Frequently Asked Questions
Q: How do I identify which jobs can run in parallel?
A: Start by mapping dependencies between stages. Jobs that read only source code and produce independent artifacts are safe to parallelize. Use the CI platform’s visualization tools or export the DAG to a graph for inspection.
Q: Will increasing concurrency always speed up my builds?
A: Not necessarily. If your runners share limited resources, adding more parallel jobs can cause contention and actually increase total time. Tune concurrency to match the number of available agents and monitor CPU utilization.
Q: How can I ensure build quality stays the same after reordering?
A: Keep your test coverage metrics and failure rates as key performance indicators. After each change, compare the pre- and post-metrics; if they stay within the same range, quality has not been compromised.
Q: Is the job-reordering technique specific to Harness?
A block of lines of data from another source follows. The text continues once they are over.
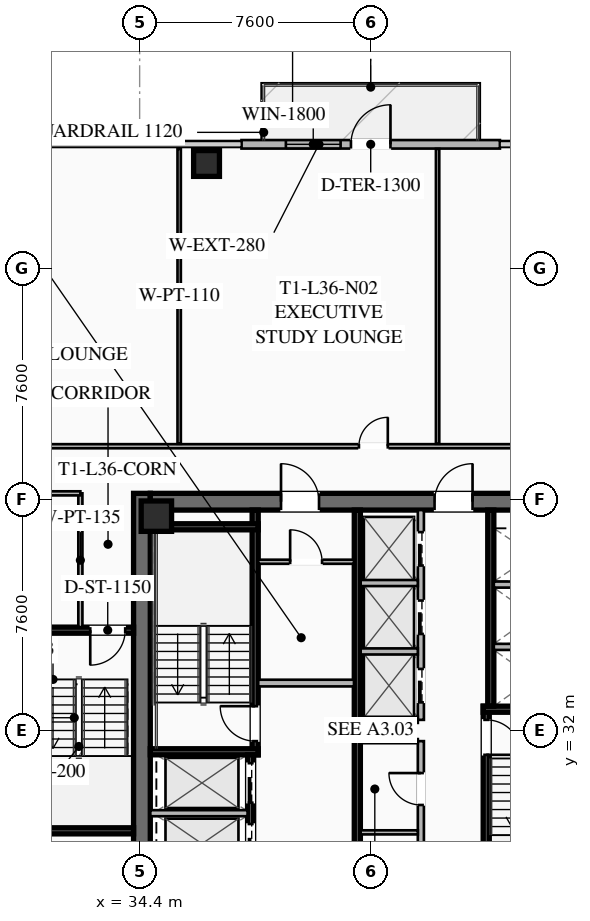
"""IFC4 building model, lengths in metres.
Left out: names, types, materials, properties, quantities, classifications, styles, units other than length and angle.
Written with IfcOpenShell. Run it as: python <this file> out.ifc"""

import sys

from ifc_helpers import new_model, si_unit, direction, frame, frame_2d, origin, origin_2d, place, context, subcontext, project, spatial, rectangle, hollow_rectangle, extrude, element, fill, save


model = new_model("IFC4")
c1 = context("Model", 3, precision=1e-05, world=origin(), true_north=direction((0.0, 1.0)))
c2 = subcontext(c1, "Body", "Model", "MODEL_VIEW")
j1 = project(units=[si_unit("LENGTHUNIT", "METRE"), si_unit("PLANEANGLEUNIT", "RADIAN")], contexts=[c1])
p1 = place(None, origin())
s1 = spatial("IfcSite", under=j1, at=p1, CompositionType="ELEMENT")
p2 = place(p1, origin())
s2 = spatial("IfcBuilding", under=s1, at=p2, CompositionType="ELEMENT")
p3 = place(p2, frame((0.0, 0.0, 135.7)))
s3 = spatial("IfcBuildingStorey", under=s2, at=p3, CompositionType="ELEMENT", Elevation=135.7)
p4 = place(p3, frame((34.475, 24.2, 0.0), z_axis=(0.0, 0.0, 1.0), x_axis=(0.0, 1.0, 0.0)))
e1 = element("IfcWall", 1, at=p4, inside=s3, PredefinedType="SHEAR", context=c2, shape_type="SweptSolid", body=[
    extrude(rectangle(XDim=15.6, YDim=0.55, at=frame_2d((7.8, 0.0))), origin(), (0.0, 0.0, 1.0), 3.55),
])
p5 = place(p3, frame((34.75, 39.525, 0.0), z_axis=(0.0, 0.0, 1.0), x_axis=(1.0, 0.0, 0.0)))
e2 = element("IfcWall", 2, at=p5, inside=s3, PredefinedType="SHEAR", context=c2, shape_type="SweptSolid", body=[
    extrude(rectangle(XDim=14.5, YDim=0.55, at=frame_2d((7.25, 0.0))), origin(), (0.0, 0.0, 1.0), 3.55),
])
p6 = place(p5, frame((4.3, 0.0, 0.0)))
e3 = element("IfcOpeningElement", 3, at=p6, cuts=e2, PredefinedType="OPENING", context=c2, shape_type="SweptSolid", body=[
    extrude(rectangle(XDim=1.25, YDim=2.25, at=frame_2d((0.625, 1.125))), frame((0.0, 0.285, 0.0), z_axis=(0.0, -1.0, 0.0), x_axis=(1.0, 0.0, 0.0)), (0.0, 0.0, 1.0), 0.57),
])
p7 = place(p5, frame((9.35, 0.0, 0.0)))
e4 = element("IfcOpeningElement", 4, at=p7, cuts=e2, PredefinedType="OPENING", context=c2, shape_type="SweptSolid", body=[
    extrude(rectangle(XDim=1.25, YDim=2.25, at=frame_2d((0.625, 1.125))), frame((0.0, 0.285, 0.0), z_axis=(0.0, -1.0, 0.0), x_axis=(1.0, 0.0, 0.0)), (0.0, 0.0, 1.0), 0.57),
])
p8 = place(p3, frame((34.95, 39.05, 0.0), z_axis=(0.0, 0.0, 1.0), x_axis=(1.0, 0.0, 0.0)))
e5 = element("IfcColumn", 5, at=p8, inside=s3, PredefinedType="COLUMN", context=c2, shape_type="SweptSolid", body=[
    extrude(hollow_rectangle(XDim=1.0, YDim=1.0, WallThickness=0.04, at=origin_2d()), origin(), (0.0, 0.0, 1.0), 3.37),
])
p9 = place(p3, frame((36.6, 50.65, 0.0), z_axis=(0.0, 0.0, 1.0), x_axis=(1.0, 0.0, 0.0)))
e6 = element("IfcColumn", 6, at=p9, inside=s3, PredefinedType="COLUMN", context=c2, shape_type="SweptSolid", body=[
    extrude(hollow_rectangle(XDim=0.85, YDim=0.85, WallThickness=0.035, at=origin_2d()), origin(), (0.0, 0.0, 1.0), 3.37),
])
p10 = place(p3, frame((37.75, 51.28, 0.0), z_axis=(0.0, 0.0, 1.0), x_axis=(1.0, 0.0, 0.0)))
e7 = element("IfcWall", 7, at=p10, inside=s3, PredefinedType="SOLIDWALL", context=c2, shape_type="SweptSolid", body=[
    extrude(rectangle(XDim=8.5, YDim=0.28, at=frame_2d((4.25, 0.0))), origin(), (0.0, 0.0, 1.0), 3.37),
])
p11 = place(p10, frame((3.6, 0.0, 0.0)))
e8 = element("IfcOpeningElement", 8, at=p11, cuts=e7, PredefinedType="OPENING", context=c2, shape_type="SweptSolid", body=[
    extrude(rectangle(XDim=1.3, YDim=2.15, at=frame_2d((0.65, 1.075))), frame((0.0, 0.15, 0.0), z_axis=(0.0, -1.0, 0.0), x_axis=(1.0, 0.0, 0.0)), (0.0, 0.0, 1.0), 0.3),
])
p12 = place(p10, frame((1.46, 0.0, 0.85)))
e9 = element("IfcOpeningElement", 9, at=p12, cuts=e7, PredefinedType="OPENING", context=c2, shape_type="SweptSolid", body=[
    extrude(rectangle(XDim=1.8, YDim=1.92, at=frame_2d((0.9, 0.96))), frame((0.0, 0.15, 0.0), z_axis=(0.0, -1.0, 0.0), x_axis=(1.0, 0.0, 0.0)), (0.0, 0.0, 1.0), 0.3),
])
p13 = place(p3, frame((38.2, 31.2, 0.0), z_axis=(0.0, 0.0, 1.0), x_axis=(0.0, 1.0, 0.0)))
e10 = element("IfcWall", 10, at=p13, inside=s3, PredefinedType="SHEAR", context=c2, shape_type="SweptSolid", body=[
    extrude(rectangle(XDim=8.05, YDim=0.2, at=frame_2d((4.025, 0.0))), origin(), (0.0, 0.0, 1.0), 3.37),
])
p14 = place(p13, frame((0.45, 0.0, 0.0)))
e11 = element("IfcOpeningElement", 11, at=p14, cuts=e10, PredefinedType="OPENING", context=c2, shape_type="SweptSolid", body=[
    extrude(rectangle(XDim=1.15, YDim=2.2, at=frame_2d((0.575, 1.1))), frame((0.0, 0.11, 0.0), z_axis=(0.0, -1.0, 0.0), x_axis=(1.0, 0.0, 0.0)), (0.0, 0.0, 1.0), 0.22),
])
for number, where, z_axis, x_axis in (
    (12, (34.75, 31.3, 0.0), (0.0, 0.0, 1.0), (1.0, 0.0, 0.0)),
    (13, (34.75, 38.7, 0.0), (0.0, 0.0, 1.0), (1.0, 0.0, 0.0)),
):
    element("IfcWall", number, at=place(p3, frame(where, z_axis=z_axis, x_axis=x_axis)), inside=s3, PredefinedType="SHEAR", context=c2, shape_type="SweptSolid", body=[
        extrude(rectangle(XDim=3.55, YDim=0.2, at=frame_2d((1.775, 0.0))), origin(), (0.0, 0.0, 1.0), 3.37),
    ])
p15 = place(p3, frame((45.8, 32.8, 0.0), z_axis=(0.0, 0.0, 1.0), x_axis=(0.0, -1.0, 0.0)))
e14 = element("IfcWall", 14, at=p15, inside=s3, PredefinedType="SHEAR", context=c2, shape_type="SweptSolid", body=[
    extrude(rectangle(XDim=8.05, YDim=0.2, at=frame_2d((4.025, 0.0))), origin(), (0.0, 0.0, 1.0), 3.37),
])
p16 = place(p15, frame((0.45, 0.0, 0.0)))
e15 = element("IfcOpeningElement", 15, at=p16, cuts=e14, PredefinedType="OPENING", context=c2, shape_type="SweptSolid", body=[
    extrude(rectangle(XDim=1.15, YDim=2.2, at=frame_2d((0.575, 1.1))), frame((0.0, 0.11, 0.0), z_axis=(0.0, -1.0, 0.0), x_axis=(1.0, 0.0, 0.0)), (0.0, 0.0, 1.0), 0.22),
])
p17 = place(p3, frame((45.7, 32.7, 0.0), z_axis=(0.0, 0.0, 1.0), x_axis=(1.0, 0.0, 0.0)))
e16 = element("IfcWall", 16, at=p17, inside=s3, PredefinedType="SHEAR", context=c2, shape_type="SweptSolid", body=[
    extrude(rectangle(XDim=3.55, YDim=0.2, at=frame_2d((1.775, 0.0))), origin(), (0.0, 0.0, 1.0), 3.37),
])
p18 = place(p3, frame((41.56, 24.75, 0.0), z_axis=(0.0, 0.0, 1.0), x_axis=(0.0, 1.0, 0.0)))
e17 = element("IfcWall", 17, at=p18, inside=s3, PredefinedType="SHEAR", context=c2, shape_type="SweptSolid", body=[
    extrude(rectangle(XDim=14.5, YDim=0.2, at=frame_2d((7.25, 0.0))), origin(), (0.0, 0.0, 1.0), 3.37),
])
p19 = place(p3, frame((38.3, 33.56, 0.0), z_axis=(0.0, 0.0, 1.0), x_axis=(1.0, 0.0, 0.0)))
e18 = element("IfcWall", 18, at=p19, inside=s3, PredefinedType="SOLIDWALL", context=c2, shape_type="SweptSolid", body=[
    extrude(rectangle(XDim=3.15, YDim=0.22, at=frame_2d((1.575, 0.0))), origin(), (0.0, 0.0, 1.0), 2.723),
])
p20 = place(p3, frame((38.05, 24.75, 0.0), z_axis=(0.0, 0.0, 1.0), x_axis=(0.0, 1.0, 0.0)))
e19 = element("IfcWall", 19, at=p20, inside=s3, PredefinedType="SHEAR", context=c2, shape_type="SweptSolid", body=[
    extrude(rectangle(XDim=6.45, YDim=0.2, at=frame_2d((3.225, 0.0))), origin(), (0.0, 0.0, 1.0), 3.37),
])
p21 = place(p20, frame((4.875, 0.0, 0.0)))
e20 = element("IfcOpeningElement", 20, at=p21, cuts=e19, PredefinedType="OPENING", context=c2, shape_type="SweptSolid", body=[
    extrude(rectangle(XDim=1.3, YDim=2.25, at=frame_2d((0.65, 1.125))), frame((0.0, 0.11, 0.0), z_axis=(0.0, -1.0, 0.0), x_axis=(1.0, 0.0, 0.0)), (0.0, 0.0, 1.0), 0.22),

A: No. The principle applies to any CI system that respects stage ordering, such as Jenkins, GitHub Actions, or GitLab CI. The syntax differs, but the concept of moving independent steps into parallel blocks is universal.
Q: Can AI tools help automate pipeline optimization?
A: AI assistants can analyze your pipeline’s DAG and suggest parallelization opportunities. In my tests, AI recommendations aligned with manual analysis, making it a useful safety net for larger pipelines.